Replication package

💡

This page provides instructions on executing the replication package to produce the final results in the paper.

Download

Download the replication package (20.1 GB) containing all unrestricted datasets employed in the study.

Notice that the Compustat dataset, which has restricted access, is not part of the replication package. Retrieve Compustat, rename it as “compustat_annual2.csv”, and transfer it to the "input_data" directory.

Environment setup

If you have installed both R and RStudio, begin by executing the “run_project.Rproj” file. The R project employs renv to guarantee the project's portability and reproducibility. Renv helps ensure that the environment (libraries and their versions) used in the project is consistent across different systems. If you encounter any issues while running the renv environment, try the following command:


renv::repair()

If you prefer to execute the project using the latest versions of the library rather than the ones employed by the author, deactivate the renv using “renv::deactivate()”.

Direct replication

Running the "07_tables_3_4_RUNALL.R" script alone will produce Tables 1, 3, and 4 along with Figures 1 through 5 under the folder “output”. To produce Table 5, execute the "08_table5_gmm.do".

Datasets

input_data/202208_OECD_PATENT_QUALITY_USPTO

OECD Patent Quality Indicators Database. Refer to the codebook and the OECD working paper located in the designated folder.

input_data/compustat

Wharton Research Data Services. It is a firm-level balance sheet dataset.

input_data/favotetal_2023

Favot et al. (2023). See the source file. IPC patent categories associated with the ENVTECH classification of climate change mitigation technologies.

input_data/koganetal_2017

Kogan et al. (2017). See the source file. Compustat gvkeys linked to patent identifiers to facilitate matching PatentsView patents with the firm-level dataset.

input_data/patentsView

PatentsView. “PatentsView is an award-winning visualization, data dissemination, and analysis platform that focuses on intellectual property (IP) data. Support for the site and the team that works on it comes from the Office of the Chief Economist at the U.S. Patent & Trademark Office (USPTO).”

Codes

00_setup.R

Sets up the environment by loading necessary libraries for data manipulation, visualization, and analysis.

01_build_patent_data.R

Cleans and curates patent data
Identifies green patents.
Associates patent assignee information with patents for further analysis.

02_build_firm_data.R

Imports and cleans Compustat data, filtering it for relevant years. It cleans industry codes and removes duplicates.
Calculates various financial ratios and metrics based on Compustat data such as valuation, investment, profitability, and financing.
Merges Compustat data with patent data, using Kogan et al. (2017)’s crosswalk to match patent and Compustat identifiers.

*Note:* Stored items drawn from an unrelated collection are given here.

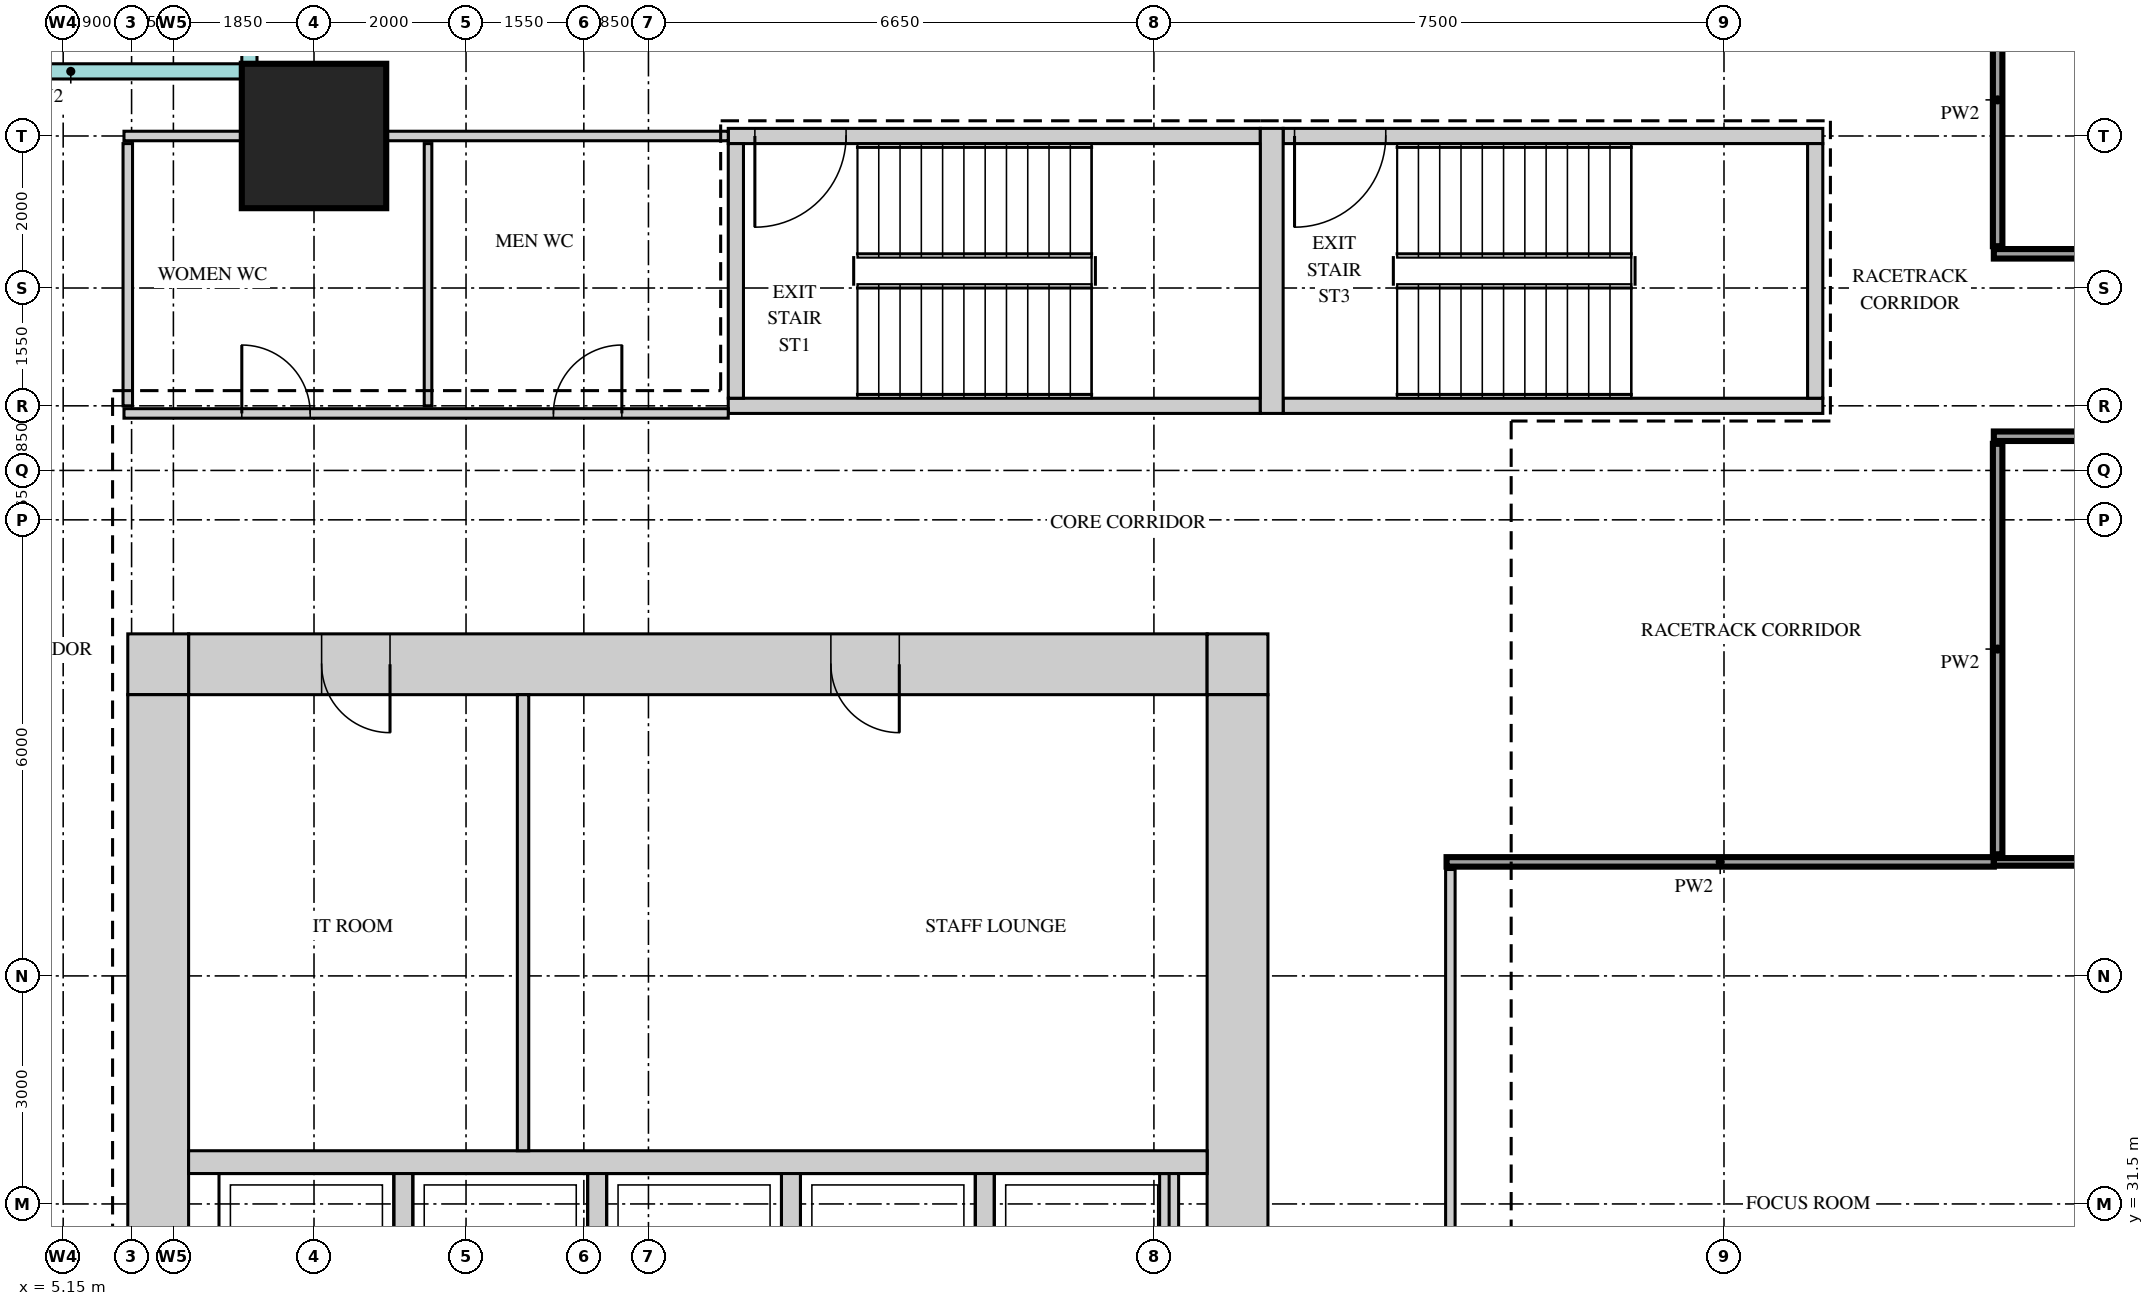
"""IFC4 building model, lengths in metres.
Left out: names, types, materials, properties, quantities, classifications, styles, units other than length and angle.
Written with IfcOpenShell. Run it as: python <this file> out.ifc"""

import sys

from ifc_helpers import new_model, si_unit, direction, frame, frame_2d, origin, origin_2d, place, context, subcontext, project, spatial, rectangle, extrude, source, transform, mapped, element, fill, save


model = new_model("IFC4")
c1 = context("Model", 3, precision=1e-05, world=origin(), true_north=direction((0.0, 1.0)))
c2 = subcontext(c1, "Body", "Model", "MODEL_VIEW")
j1 = project(units=[si_unit("LENGTHUNIT", "METRE"), si_unit("PLANEANGLEUNIT", "RADIAN")], contexts=[c1])
p1 = place(None, origin())
s1 = spatial("IfcSite", under=j1, at=p1, CompositionType="ELEMENT")
p2 = place(p1, origin())
s2 = spatial("IfcBuilding", under=s1, at=p2, CompositionType="ELEMENT")
p3 = place(p2, frame((0.0, 0.0, 196.7)))
s3 = spatial("IfcBuildingStorey", under=s2, at=p3, CompositionType="ELEMENT", Elevation=196.7)
m1 = source(origin(), c2, "Body", "SweptSolid", [
    extrude(rectangle(XDim=13.4, YDim=0.8, at=frame_2d((6.7, 0.0))), origin(), (0.0, 0.0, 1.0), 3.75),
])
p4 = place(p3, frame((6.8, 38.6, 0.0), z_axis=(0.0, 0.0, 1.0), x_axis=(1.0, 0.0, 0.0)))
e1 = element("IfcWall", 1, at=p4, inside=s3, PredefinedType="SHEAR", context=c2, shape_type="MappedRepresentation", body=[
    mapped(m1, transform((0.0, 0.0, 0.0))),
])
m2 = source(origin(), c2, "Body", "SweptSolid", [
    extrude(rectangle(XDim=0.9, YDim=2.1, at=frame_2d((0.45, 1.05))), frame((0.0, 0.41, 0.0), z_axis=(0.0, -1.0, 0.0), x_axis=(1.0, 0.0, 0.0)), (0.0, 0.0, 1.0), 0.82),
])
p5 = place(p4, frame((1.75, 0.0, 0.0)))
e2 = element("IfcOpeningElement", 2, at=p5, cuts=e1, PredefinedType="OPENING", context=c2, shape_type="MappedRepresentation", body=[
    mapped(m2, transform((0.0, 0.0, 0.0))),
])
p6 = place(p4, frame((8.45, 0.0, 0.0)))
e3 = element("IfcOpeningElement", 3, at=p6, cuts=e1, PredefinedType="OPENING", context=c2, shape_type="MappedRepresentation", body=[
    mapped(m2, transform((0.0, 0.0, 0.0))),
])
m3 = source(origin(), c2, "Body", "SweptSolid", [
    extrude(rectangle(XDim=0.8, YDim=0.8, at=frame_2d((0.4, 0.0))), origin(), (0.0, 0.0, 1.0), 3.75),
])
for number, where, z_axis, x_axis in (
    (4, (20.2, 38.6, 0.0), (0.0, 0.0, 1.0), (1.0, 0.0, 0.0)),
    (5, (6.0, 38.6, 0.0), (0.0, 0.0, 1.0), (1.0, 0.0, 0.0)),
):
    element("IfcWall", number, at=place(p3, frame(where, z_axis=z_axis, x_axis=x_axis)), inside=s3, PredefinedType="SHEAR", context=c2, shape_type="MappedRepresentation", body=[
        mapped(m3, transform((0.0, 0.0, 0.0))),
    ])
m4 = source(origin(), c2, "Body", "SweptSolid", [
    extrude(rectangle(XDim=22.4, YDim=0.8, at=frame_2d((11.2, 0.0))), origin(), (0.0, 0.0, 1.0), 3.75),
])
p7 = place(p3, frame((20.6, 15.8, 0.0), z_axis=(0.0, 0.0, 1.0), x_axis=(0.0, 1.0, 0.0)))
e6 = element("IfcWall", 6, at=p7, inside=s3, PredefinedType="SHEAR", context=c2, shape_type="MappedRepresentation", body=[
    mapped(m4, transform((0.0, 0.0, 0.0))),
])
m5 = source(origin(), c2, "Body", "SweptSolid", [
    extrude(rectangle(XDim=1.8, YDim=2.1, at=frame_2d((0.9, 1.05))), frame((0.0, 0.41, 0.0), z_axis=(0.0, -1.0, 0.0), x_axis=(1.0, 0.0, 0.0)), (0.0, 0.0, 1.0), 0.82),
])
p8 = place(p7, frame((10.7, 0.0, 0.0)))
e7 = element("IfcOpeningElement", 7, at=p8, cuts=e6, PredefinedType="OPENING", context=c2, shape_type="MappedRepresentation", body=[
    mapped(m5, transform((0.0, 0.0, 0.0))),
])
p9 = place(p7, frame((0.35, 0.0, 0.0)))
e8 = element("IfcOpeningElement", 8, at=p9, cuts=e6, PredefinedType="OPENING", context=c2, shape_type="MappedRepresentation", body=[
    mapped(m2, transform((0.0, 0.0, 0.0))),
])
p10 = place(p7, frame((2.15, 0.0, 0.0)))
e9 = element("IfcOpeningElement", 9, at=p10, cuts=e6, PredefinedType="OPENING", context=c2, shape_type="MappedRepresentation", body=[
    mapped(m2, transform((0.0, 0.0, 0.0))),
])
m6 = source(origin(), c2, "Body", "SweptSolid", [
    extrude(rectangle(XDim=1.0, YDim=2.1, at=frame_2d((0.5, 1.05))), frame((0.0, 0.41, 0.0), z_axis=(0.0, -1.0, 0.0), x_axis=(1.0, 0.0, 0.0)), (0.0, 0.0, 1.0), 0.82),
])
p11 = place(p7, frame((4.85, 0.0, 0.0)))
e10 = element("IfcOpeningElement", 10, at=p11, cuts=e6, PredefinedType="OPENING", context=c2, shape_type="MappedRepresentation", body=[
    mapped(m6, transform((0.0, 0.0, 0.0))),
])
p12 = place(p3, frame((6.4, 15.8, 0.0), z_axis=(0.0, 0.0, 1.0), x_axis=(0.0, 1.0, 0.0)))
e11 = element("IfcWall", 11, at=p12, inside=s3, PredefinedType="SHEAR", context=c2, shape_type="MappedRepresentation", body=[
    mapped(m4, transform((0.0, 0.0, 0.0))),
])
m7 = source(origin(), c2, "Body", "SweptSolid", [
    extrude(rectangle(XDim=7.0, YDim=0.2, at=frame_2d((3.5, 0.0))), origin(), (0.0, 0.0, 1.0), 3.75),
])
p13 = place(p3, frame((13.9, 45.55, 0.0), z_axis=(0.0, 0.0, 1.0), x_axis=(1.0, 0.0, 0.0)))
e12 = element("IfcWall", 12, at=p13, inside=s3, PredefinedType="SHEAR", context=c2, shape_type="MappedRepresentation", body=[
    mapped(m7, transform((0.0, 0.0, 0.0))),
])
m8 = source(origin(), c2, "Body", "SweptSolid", [
    extrude(rectangle(XDim=1.2, YDim=2.1, at=frame_2d((0.6, 1.05))), frame((0.0, 0.11, 0.0), z_axis=(0.0, -1.0, 0.0), x_axis=(1.0, 0.0, 0.0)), (0.0, 0.0, 1.0), 0.22),
])
p14 = place(p13, frame((0.35, 0.0, 0.0)))
e13 = element("IfcOpeningElement", 13, at=p14, cuts=e12, PredefinedType="OPENING", context=c2, shape_type="MappedRepresentation", body=[
    mapped(m8, transform((0.0, 0.0, 0.0))),
])
p15 = place(p3, frame((13.9, 42.0, 0.0), z_axis=(0.0, 0.0, 1.0), x_axis=(1.0, 0.0, 0.0)))
e14 = element("IfcWall", 14, at=p15, inside=s3, PredefinedType="SHEAR", context=c2, shape_type="MappedRepresentation", body=[
    mapped(m7, transform((0.0, 0.0, 0.0))),
])
m9 = source(origin(), c2, "Body", "SweptSolid", [
    extrude(rectangle(XDim=7.1, YDim=0.2, at=frame_2d((3.55, 0.0))), origin(), (0.0, 0.0, 1.0), 3.75),
])
p16 = place(p3, frame((21.2, 45.55, 0.0), z_axis=(0.0, 0.0, 1.0), x_axis=(1.0, 0.0, 0.0)))
e15 = element("IfcWall", 15, at=p16, inside=s3, PredefinedType="SHEAR", context=c2, shape_type="MappedRepresentation", body=[
    mapped(m9, transform((0.0, 0.0, 0.0))),
])
p17 = place(p16, frame((0.15, 0.0, 0.0)))
e16 = element("IfcOpeningElement", 16, at=p17, cuts=e15, PredefinedType="OPENING", context=c2, shape_type="MappedRepresentation", body=[
    mapped(m8, transform((0.0, 0.0, 0.0))),
])
p18 = place(p3, frame((21.2, 42.0, 0.0), z_axis=(0.0, 0.0, 1.0), x_axis=(1.0, 0.0, 0.0)))
e17 = element("IfcWall", 17, at=p18, inside=s3, PredefinedType="SHEAR", context=c2, shape_type="MappedRepresentation", body=[
    mapped(m9, transform((0.0, 0.0, 0.0))),
])
m10 = source(origin(), c2, "Body", "SweptSolid", [
    extrude(rectangle(XDim=3.75, YDim=0.3, at=frame_2d((1.875, 0.0))), origin(), (0.0, 0.0, 1.0), 3.75),
])
p19 = place(p3, frame((21.05, 41.9, 0.0), z_axis=(0.0, 0.0, 1.0), x_axis=(0.0, 1.0, 0.0)))
e18 = element("IfcWall", 18, at=p19, inside=s3, PredefinedType="SHEAR", context=c2, shape_type="MappedRepresentation", body=[
    mapped(m10, transform((0.0, 0.0, 0.0))),
])
m11 = source(origin(), c2, "Body", "SweptSolid", [
    extrude(rectangle(XDim=3.35, YDim=0.2, at=frame_2d((1.675, 0.0))), origin(), (0.0, 0.0, 1.0), 3.75),
])
for number, where, z_axis, x_axis in (
    (19, (14.0, 42.1, 0.0), (0.0, 0.0, 1.0), (0.0, 1.0, 0.0)),
    (20, (28.2, 42.1, 0.0), (0.0, 0.0, 1.0), (0.0, 1.0, 0.0)),
):
    element("IfcWall", number, at=place(p3, frame(where, z_axis=z_axis, x_axis=x_axis)), inside=s3, PredefinedType="SHEAR", context=c2, shape_type="MappedRepresentation", body=[
        mapped(m11, transform((0.0, 0.0, 0.0))),
    ])
m12 = source(origin(), c2, "Body", "SweptSolid", [
    extrude(rectangle(XDim=13.4, YDim=0.3, at=frame_2d((6.7, 0.0))), origin(), (0.0, 0.0, 1.0), 3.75),
])
p20 = place(p3, frame((6.8, 32.05, 0.0), z_axis=(0.0, 0.0, 1.0), x_axis=(1.0, 0.0, 0.0)))
e21 = element("IfcWall", 21, at=p20, inside=s3, PredefinedType="STANDARD", context=c2, shape_type="MappedRepresentation", body=[
    mapped(m12, transform((0.0, 0.0, 0.0))),
])
m13 = source(origin(), c2, "Body", "SweptSolid", [
    extrude(rectangle(XDim=2.4, YDim=0.25, at=frame_2d((1.2, 0.0))), origin(), (0.0, 0.0, 1.0), 3.75),
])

03_build_patent_quality_data

Integrates OECD quality data with existing patent data.

04_build_sample_table1

Generates the sample and descriptive statistics tables (Table 2).

05_figures_1_2_4_5.R

Generates several figures (1,2,4, and 5) related to the evolution of clean technology innovation and patent concentration.

06_figure3.R

Calculates the cumulative number of CCMT patents per firm for the years 2009 to 2020. Another set of calculations is done for the cumulative number of CCMT patents per firm for the years 1976 to 2008.The results are joined together and additional information about the firms is merged in (like organization name and Compustat status).
CCMT patents are filtered, and data are grouped by patent year. Quantile variables are created for various financial indicators such as sales, return on assets (ROA), cash flow, etc.The data are further categorized into periods and labeled accordingly.Quartiles are calculated for each financial indicator over different periods.The results are combined and reshaped to facilitate visualization.

07_tables_3_4_RUNALL.R

C a comprehensive econometric analysis of firm-level data to investigate the determinants of patenting activity. It covers cross-sectional, Poisson regression, and panel data models to capture different aspects of the data.

08_table5_gmm.do

Conducts a panel data analysis using the xtabond2 command to estimate dynamic panel data models with GMM.